Extremely robust recognition of printed numerals
Each page of a Swiss census has an identification number that when recognized, serves as its key into the evolving databases. It was crucial that these numbers be recognized with 100% accuracy and absolutely no errors. For this reason, we developed a recognition routine for printed numerals, which was trained for a specific typeset. The idea behind this technique is based on the selection of special points for each character pair, which distinguishes between them with high reliability. We searched for all distinguishing points and used all the information available for the decision process. For this data field, we achieved recognition rate approaching 100%.
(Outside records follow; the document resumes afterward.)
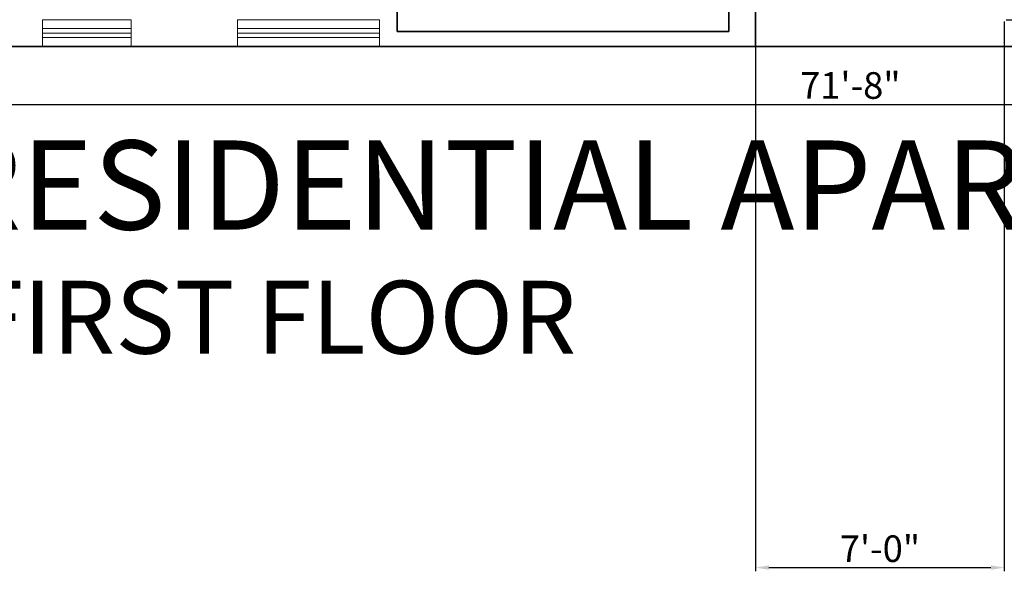
# Model space of a CAD drawing. Units: inches. Extents: x 2081 to 4786, y 1256 to 3802.
# Tile 2 of 7: x 2352 to 2685, y 1256 to 1442. Entities that reach past the tile are written whole.
import ezdxf

# ---------------------------------------------------------------- set-up
doc = ezdxf.new("R2010")
doc.units = ezdxf.units.IN
for name, color, linetype, lineweight in [('A-ANNO-DIMS', 18, 'Continuous', 18), ('A-ANNO-TITL', 18, 'Continuous', 35), ('A-GLAZ', 11, 'Continuous', 18), ('A-WALL', 7, 'Continuous', 35)]:
    doc.layers.add(name, color=color, linetype=linetype, lineweight=lineweight)
doc.styles.get("Standard").update_dxf_attribs({"font": 'arial.ttf'})
doc.dimstyles.new('ISO-25', dxfattribs={"dimtxt": 9, "dimasz": 4.5, "dimexe": 1.25, "dimexo": 0.625, "dimtad": 1, "dimdec": 0, "dimlunit": 3, "dimtxsty": 'Standard', "dimcen": 2.5, "dimadec": 0, "dimazin": 0, "dimtfac": 1, "dimtdec": 0, "dimtmove": 0, "dimatfit": 3, "dimfxl": 1, "dimarcsym": 0})

# ---------------------------------------------------------------- blocks, each defined once
blk = doc.blocks.new('*D26')
at = {"layer": 'A-ANNO-DIMS', "color": 0, "lineweight": -2, "transparency": 16777216}
for p, q in [((2202.98, 1432.55), (2202.98, 1412.32)), ((3062.98, 1432.55), (3062.98, 1412.32)), ((2207.48, 1413.57), (3058.48, 1413.57))]:
    blk.add_line(p, q, dxfattribs=at)
at = {"layer": 'A-ANNO-DIMS', "color": 0, "transparency": 16777216}
for points in [[(2207.48, 1414.32), (2207.48, 1412.82), (2202.98, 1413.57)], [(3058.48, 1414.32), (3058.48, 1412.82), (3062.98, 1413.57)]]:
    blk.add_solid(points, dxfattribs=at)
at = {"layer": 'Defpoints', "color": 0, "transparency": 16777216}
for p in [(2202.98, 1433.17), (3062.98, 1433.17), (3062.98, 1413.57)]:
    blk.add_point(p, dxfattribs=at)
at = {"layer": 'A-ANNO-DIMS', "color": 0, "transparency": 16777216, "insert": (2632.98, 1418.79), "char_height": 9, "attachment_point": 5}
blk.add_mtext('71\'-8"', dxfattribs=at)
blk = doc.blocks.new('WINDOW-48IN')
for p, q in [((0, 0), (0, 9)), ((0, 9), (4, 9)), ((4, 9), (48, 9)), ((48, 0), (48, 9)), ((48, 6), (0, 6)), ((48, 4.5), (0, 4.5)), ((48, 3), (0, 3)), ((48, 0), (0, 0))]:
    blk.add_line(p, q)
blk = doc.blocks.new('WINDOW-30IN')
for p, q in [((0, 0), (0, 30)), ((0, 30), (9, 30)), ((3, 0), (3, 30)), ((4.5, 0), (4.5, 30)), ((6, 0), (6, 30)), ((9, 30), (9, 0)), ((9, 0), (0, 0))]:
    blk.add_line(p, q)
blk = doc.blocks.new('*D80')
at = {"layer": 'A-ANNO-DIMS', "color": 0, "lineweight": -2, "transparency": 16777216}
for p, q in [((2685.61, 1484.17), (3154.73, 1484.17)), ((3153.48, 1446.67), (3153.48, 1479.67)), ((2685.61, 1442.17), (3154.73, 1442.17))]:
    blk.add_line(p, q, dxfattribs=at)
at = {"layer": 'A-ANNO-DIMS', "color": 0, "transparency": 16777216}
for points in [[(3152.73, 1479.67), (3154.23, 1479.67), (3153.48, 1484.17)], [(3152.73, 1446.67), (3154.23, 1446.67), (3153.48, 1442.17)]]:
    blk.add_solid(points, dxfattribs=at)
at = {"layer": 'Defpoints', "color": 0, "transparency": 16777216}
for p in [(2684.98, 1484.17), (3153.48, 1484.17), (2684.98, 1442.17)]:
    blk.add_point(p, dxfattribs=at)
at = {"layer": 'A-ANNO-DIMS', "color": 0, "transparency": 16777216, "insert": (3148.26, 1463.17), "char_height": 9, "attachment_point": 5, "rotation": 90}
blk.add_mtext('3\'-6"', dxfattribs=at)
blk = doc.blocks.new('*D82')
at = {"layer": 'A-ANNO-DIMS', "color": 0, "lineweight": -2, "transparency": 16777216}
for p, q in [((2600.98, 1441.55), (2600.98, 1255.85)), ((2684.98, 1441.55), (2684.98, 1255.85)), ((2605.48, 1257.1), (2680.48, 1257.1))]:
    blk.add_line(p, q, dxfattribs=at)
at = {"layer": 'A-ANNO-DIMS', "color": 0, "transparency": 16777216}
for points in [[(2605.48, 1257.85), (2605.48, 1256.35), (2600.98, 1257.1)], [(2680.48, 1257.85), (2680.48, 1256.35), (2684.98, 1257.1)]]:
    blk.add_solid(points, dxfattribs=at)
at = {"layer": 'Defpoints', "color": 0, "transparency": 16777216}
for p in [(2600.98, 1442.17), (2684.98, 1442.17), (2684.98, 1257.1)]:
    blk.add_point(p, dxfattribs=at)
at = {"layer": 'A-ANNO-DIMS', "color": 0, "transparency": 16777216, "insert": (2642.98, 1262.32), "char_height": 9, "attachment_point": 5}
blk.add_mtext('7\'-0"', dxfattribs=at)

msp = doc.modelspace()

# ---------------------------------------------------------------- linework, layer by layer
at = {"layer": 'A-WALL'}
for p, q in [((2600.98, 1433.17), (2600.98, 1780.17)), ((2479.98, 1438.17), (2479.98, 1498.17)), ((2591.98, 1438.17), (2591.98, 1498.17)), ((2591.98, 1438.17), (2479.98, 1438.17)), ((3062.98, 1433.17), (2202.98, 1433.17))]:
    msp.add_line(p, q, dxfattribs=at)

# ---------------------------------------------------------------- block references
at = {"layer": 'A-GLAZ', "rotation": 270.0000000000024}
msp.add_blockref('WINDOW-30IN', (2360.18, 1442.17), dxfattribs=at)
at = {"layer": 'A-GLAZ'}
msp.add_blockref('WINDOW-48IN', (2426.04, 1433.17), dxfattribs=at)

# ---------------------------------------------------------------- texts
at = {"layer": 'A-ANNO-TITL'}
for s, height, p in [('RESIDENTIAL APARTMENT', 30.1152, (2327.01, 1371.26)), ('FIRST FLOOR ', 24.6271, (2335.08, 1329.36))]:
    msp.add_text(s, height=height, dxfattribs=at).set_placement(p)

# ---------------------------------------------------------------- dimensions: what is measured, and where the dimension line sits
at = {"layer": 'A-ANNO-DIMS'}
dim = msp.add_linear_dim(base=(3153.48, 1484.17), p1=(2684.98, 1442.17), p2=(2684.98, 1484.17), angle=90, dimstyle='ISO-25', override={"dimdec": 1, "dimlfac": 1, "dimrnd": 0, "dimzin": 1, "dimdsep": 46, "dimlunit": 4, "dimfrac": 2}, dxfattribs=at)
dim.commit()
dim.dimension.update_dxf_attribs({"geometry": '*D80', "text_midpoint": (3148.26, 1463.17)})
for base, p1, p2, override, picture, middle in [((2684.98, 1257.1), (2600.98, 1442.17), (2684.98, 1442.17), {"dimdec": 1, "dimlfac": 1, "dimrnd": 0, "dimzin": 1, "dimdsep": 46, "dimlunit": 4, "dimfrac": 2}, '*D82', (2642.98, 1262.32)), ((3062.98, 1413.57), (2202.98, 1433.17), (3062.98, 1433.17), {"dimclrd": 0, "dimclre": 0, "dimclrt": 0}, '*D26', (2632.98, 1418.79))]:
    dim = msp.add_linear_dim(base=base, p1=p1, p2=p2, dimstyle='ISO-25', override=override, dxfattribs=at)
    dim.commit()
    dim.dimension.update_dxf_attribs({"geometry": picture, "text_midpoint": middle})

doc.saveas('drawing.dxf')

Recognition of hand written numerical data
Many of the data fields in each form are numeric in nature (for example, birth date, ID number, etc.) and contain almost no internal context. For these fields we developed a routine capable of recognizing hand written symbols limited to a set of ten numerals. This algorithm is composed of a segmentation procedure, a decision network, and a verification process. Segmentation transforms the bitmap image of a given character into a graph, which preserves the topological information of the image and describes the symbol in terms of lines, curves, angles and other geometric features. This graph is then processed by a decision tree, which classifies the symbol into a specific category. Once the decision is made, a verification process is used to determine the reliability of the decision. The verification uses statistical methods to evaluate the probability that the decision made for a given character image is correct. If the verification result matches the decision with a high probability, the numeral is recognized; otherwise, it is marked as not reliable. Using this routine, a 95% recognition ratio was achieved and 90% of the cases were classified as reliable. Out of these cases, the substitution ratio was only 0.4%. Only 10% of the cases were rejected as unreliable. Of these rejected cases, 55% were still recognized correctly.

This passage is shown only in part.